The couple have a pair of daughters, Erin and Lisa, and two grandchildren, Cole and Austin.
He certainly never gave up sports after retiring from pro hockey.
In the summers, he was a fixture in the Manitoba Senior Baseball League as a hard-hitting first baseman with the Hamiota Red Sox. The 1986-90 teams that he played on were inducted into the Manitoba Baseball Hall of Fame in 2012.
“I was really honoured to play with those guys and be part of that team,” Coulson said, adding Al Robertson invited him to join the club when he was 17.

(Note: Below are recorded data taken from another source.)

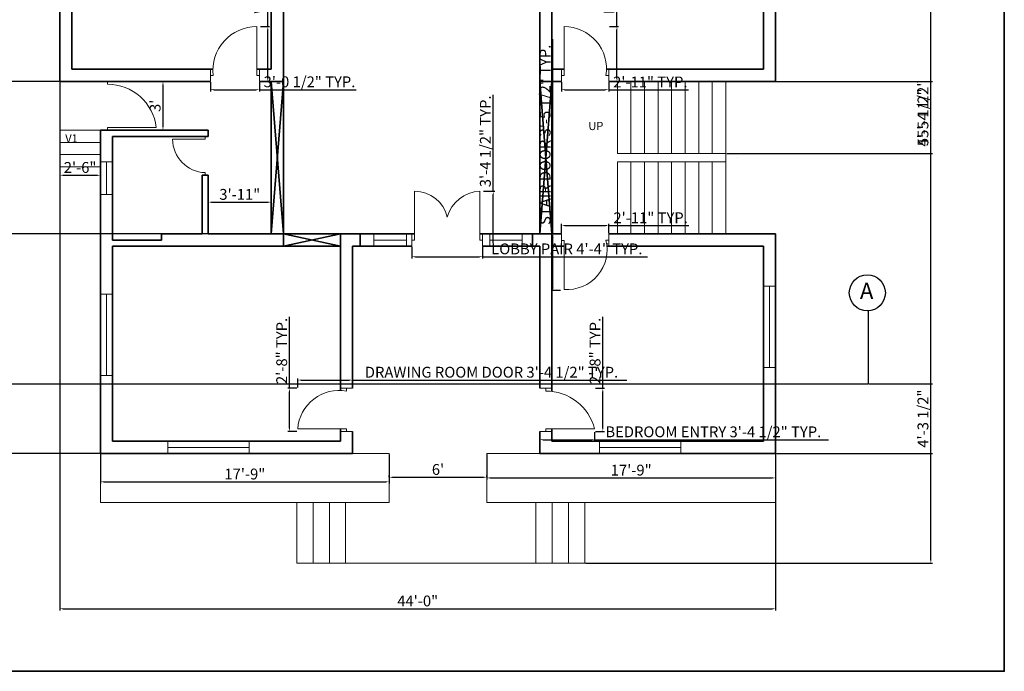
# Model space of a CAD drawing. Units: inches. Extents: x 2257 to 3678, y 834 to 1975.
# Tile 7 of 16: x 2952 to 3678, y 849 to 1330. Entities that reach past the tile are written whole.
import ezdxf

# ---------------------------------------------------------------- set-up
doc = ezdxf.new("R2010")
doc.units = ezdxf.units.IN
for name, color, linetype, lineweight in [('A-ANNO-DIMS', 2, 'Continuous', 18), ('A-ANNO-SYMB', 7, 'Continuous', 25), ('A-ANNO-TEXT', 7, 'Continuous', 18), ('A-ANNO-TTLB', 7, 'Continuous', 35), ('A-DOOR', 3, 'Continuous', 18), ('A-FLOR-STRS', 7, 'Continuous', 18), ('A-GLAZ', 4, 'Continuous', 18), ('A-WALL', 7, 'Continuous', 35)]:
    doc.layers.add(name, color=color, linetype=linetype, lineweight=lineweight)
doc.styles.get("Standard").update_dxf_attribs({"font": 'arial.ttf'})
doc.dimstyles.new('ISO-25', dxfattribs={"dimtxt": 8, "dimasz": 2.5, "dimexe": 1.25, "dimexo": 0.625, "dimtad": 1, "dimdec": 0, "dimlunit": 3, "dimtxsty": 'Standard', "dimcen": 2.5, "dimadec": 0, "dimazin": 0, "dimtfac": 1, "dimtdec": 0, "dimtmove": 0, "dimatfit": 3, "dimfxl": 1, "dimarcsym": 0})

# ---------------------------------------------------------------- blocks, each defined once
blk = doc.blocks.new('*D16')
at = {"layer": 'A-ANNO-DIMS', "color": 0, "lineweight": -2, "transparency": 16777216}
for p, q in [((3051.29, 1284.58), (3058.6, 1284.58)), ((3057.35, 1282.08), (3057.35, 1251.08)), ((3051.29, 1248.58), (3058.6, 1248.58))]:
    blk.add_line(p, q, dxfattribs=at)
at = {"layer": 'A-ANNO-DIMS', "color": 0, "transparency": 16777216}
for points in [[(3056.93, 1282.08), (3057.77, 1282.08), (3057.35, 1284.58)], [(3056.93, 1251.08), (3057.77, 1251.08), (3057.35, 1248.58)]]:
    blk.add_solid(points, dxfattribs=at)
at = {"layer": 'Defpoints', "color": 0, "transparency": 16777216}
for p in [(3050.66, 1284.58), (3050.66, 1248.58), (3057.35, 1248.58)]:
    blk.add_point(p, dxfattribs=at)
at = {"layer": 'A-ANNO-DIMS', "color": 0, "transparency": 16777216, "insert": (3052.64, 1266.58), "char_height": 8, "attachment_point": 5, "rotation": 90}
blk.add_mtext("3'", dxfattribs=at)
blk = doc.blocks.new('*D10')
at = {"layer": 'A-ANNO-DIMS', "color": 0, "lineweight": -2, "transparency": 16777216}
for p, q in [((3090.74, 1196.14), (3090.74, 1196.77)), ((3093.24, 1195.52), (3134.74, 1195.52)), ((3137.24, 1196.14), (3137.24, 1196.77))]:
    blk.add_line(p, q, dxfattribs=at)
at = {"layer": 'A-ANNO-DIMS', "color": 0, "transparency": 16777216}
for points in [[(3093.24, 1195.94), (3093.24, 1195.1), (3090.74, 1195.52)], [(3134.74, 1195.94), (3134.74, 1195.1), (3137.24, 1195.52)]]:
    blk.add_solid(points, dxfattribs=at)
at = {"layer": 'Defpoints', "color": 0, "transparency": 16777216}
for p in [(3090.74, 1195.52), (3137.24, 1195.52), (3137.24, 1195.52)]:
    blk.add_point(p, dxfattribs=at)
at = {"layer": 'A-ANNO-DIMS', "color": 0, "transparency": 16777216, "insert": (3113.99, 1200.23), "char_height": 8, "attachment_point": 5}
blk.add_mtext('3\'-11"', dxfattribs=at)
blk = doc.blocks.new('*D11')
at = {"layer": 'A-ANNO-DIMS', "color": 0, "lineweight": -2, "transparency": 16777216}
for p, q in [((2981.24, 1220.95), (2981.24, 1214.14)), ((3011.24, 1220.95), (3011.24, 1214.14)), ((2983.74, 1215.39), (3008.74, 1215.39))]:
    blk.add_line(p, q, dxfattribs=at)
at = {"layer": 'A-ANNO-DIMS', "color": 0, "transparency": 16777216}
for points in [[(2983.74, 1215.8), (2983.74, 1214.97), (2981.24, 1215.39)], [(3008.74, 1215.8), (3008.74, 1214.97), (3011.24, 1215.39)]]:
    blk.add_solid(points, dxfattribs=at)
at = {"layer": 'Defpoints', "color": 0, "transparency": 16777216}
for p in [(2981.24, 1221.58), (3011.24, 1221.58), (3011.24, 1215.39)]:
    blk.add_point(p, dxfattribs=at)
at = {"layer": 'A-ANNO-DIMS', "color": 0, "transparency": 16777216, "insert": (2996.24, 1220.09), "char_height": 8, "attachment_point": 5}
blk.add_mtext('2\'-6"', dxfattribs=at)
blk = doc.blocks.new('*D12')
at = {"layer": 'A-ANNO-DIMS', "color": 0, "lineweight": -2, "transparency": 16777216}
for p, q in [((3011.24, 1009.45), (3011.24, 987.96)), ((3224.24, 1009.45), (3224.24, 987.96)), ((3013.74, 989.21), (3221.74, 989.21))]:
    blk.add_line(p, q, dxfattribs=at)
at = {"layer": 'A-ANNO-DIMS', "color": 0, "transparency": 16777216}
for points in [[(3013.74, 989.62), (3013.74, 988.79), (3011.24, 989.21)], [(3221.74, 989.62), (3221.74, 988.79), (3224.24, 989.21)]]:
    blk.add_solid(points, dxfattribs=at)
at = {"layer": 'Defpoints', "color": 0, "transparency": 16777216}
for p in [(3011.24, 1010.08), (3224.24, 1010.08), (3224.24, 989.21)]:
    blk.add_point(p, dxfattribs=at)
at = {"layer": 'A-ANNO-DIMS', "color": 0, "transparency": 16777216, "insert": (3117.74, 993.92), "char_height": 8, "attachment_point": 5}
blk.add_mtext('17\'-9"', dxfattribs=at)
blk = doc.blocks.new('*D13')
at = {"layer": 'A-ANNO-DIMS', "color": 0, "lineweight": -2, "transparency": 16777216}
for p, q in [((3296.24, 1009.45), (3296.24, 990.83)), ((3509.24, 1009.45), (3509.24, 990.83)), ((3298.74, 992.08), (3506.74, 992.08))]:
    blk.add_line(p, q, dxfattribs=at)
at = {"layer": 'A-ANNO-DIMS', "color": 0, "transparency": 16777216}
for points in [[(3298.74, 992.49), (3298.74, 991.66), (3296.24, 992.08)], [(3506.74, 992.49), (3506.74, 991.66), (3509.24, 992.08)]]:
    blk.add_solid(points, dxfattribs=at)
at = {"layer": 'Defpoints', "color": 0, "transparency": 16777216}
for p in [(3296.24, 1010.08), (3509.24, 1010.08), (3509.24, 992.08)]:
    blk.add_point(p, dxfattribs=at)
at = {"layer": 'A-ANNO-DIMS', "color": 0, "transparency": 16777216, "insert": (3402.74, 996.79), "char_height": 8, "attachment_point": 5}
blk.add_mtext('17\'-9"', dxfattribs=at)
blk = doc.blocks.new('*D14')
at = {"layer": 'A-ANNO-DIMS', "color": 0, "lineweight": -2, "transparency": 16777216}
for p, q in [((3224.24, 992.7), (3224.24, 993.82)), ((3226.74, 992.57), (3293.74, 992.57)), ((3296.24, 992.7), (3296.24, 993.82))]:
    blk.add_line(p, q, dxfattribs=at)
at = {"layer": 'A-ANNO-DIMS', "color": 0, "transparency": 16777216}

He played senior hockey in the winter, coached the Yellowhead Chiefs for five years and also served as an assistant to Barry Butler with the Manitoba Junior Hockey League’s Waywayseecappo Wolverines for nine seasons from 2004 to 2013.
He had lessons from his career that he was eager to share with players.
“If you want something bad enough, with hard work and perseverance you can achieve it,” Coulson said. “That’s basically from me striving to get to the highest level. The other thing I tried to install in coaching is that nobody is bigger than the game. You have to be humble.
“And the other thing is that you have to play as a team. Life is a team sport. There’s not a lot of things you do by yourself. You always have to work with somebody.”
He said it’s always important to be good to people, and give back when you can.
Coulson now volunteers with the Alberta Junior Hockey League’s Canmore Eagles as a goal judge.
“There were people who volunteered their time for me while I was growing up through the hockey and the baseball,” Coulson said. “You have to give back.”
That magic 1978-79 season has never stopped giving back to Coulson.
Even with the passage of 42 years and life taking the teammates in different directions, it’s all still there for Coulson when he thinks about it.
“That was a long time but some of that stuff you just don’t forget,” Coulson said. “The guys I played like Steve Patrick and Kempthorne and Gillen and (Brant) Kiessig, Dave McDonald. You don’t forget those guys. They will always be friends of yours.
“Maybe you don’t see them, like Mike Perovich I haven’t seen in 40-plus years but I still remember his name and remember what he was like.
“That just doesn’t go away. You won’t remember the small things but you remember the people.”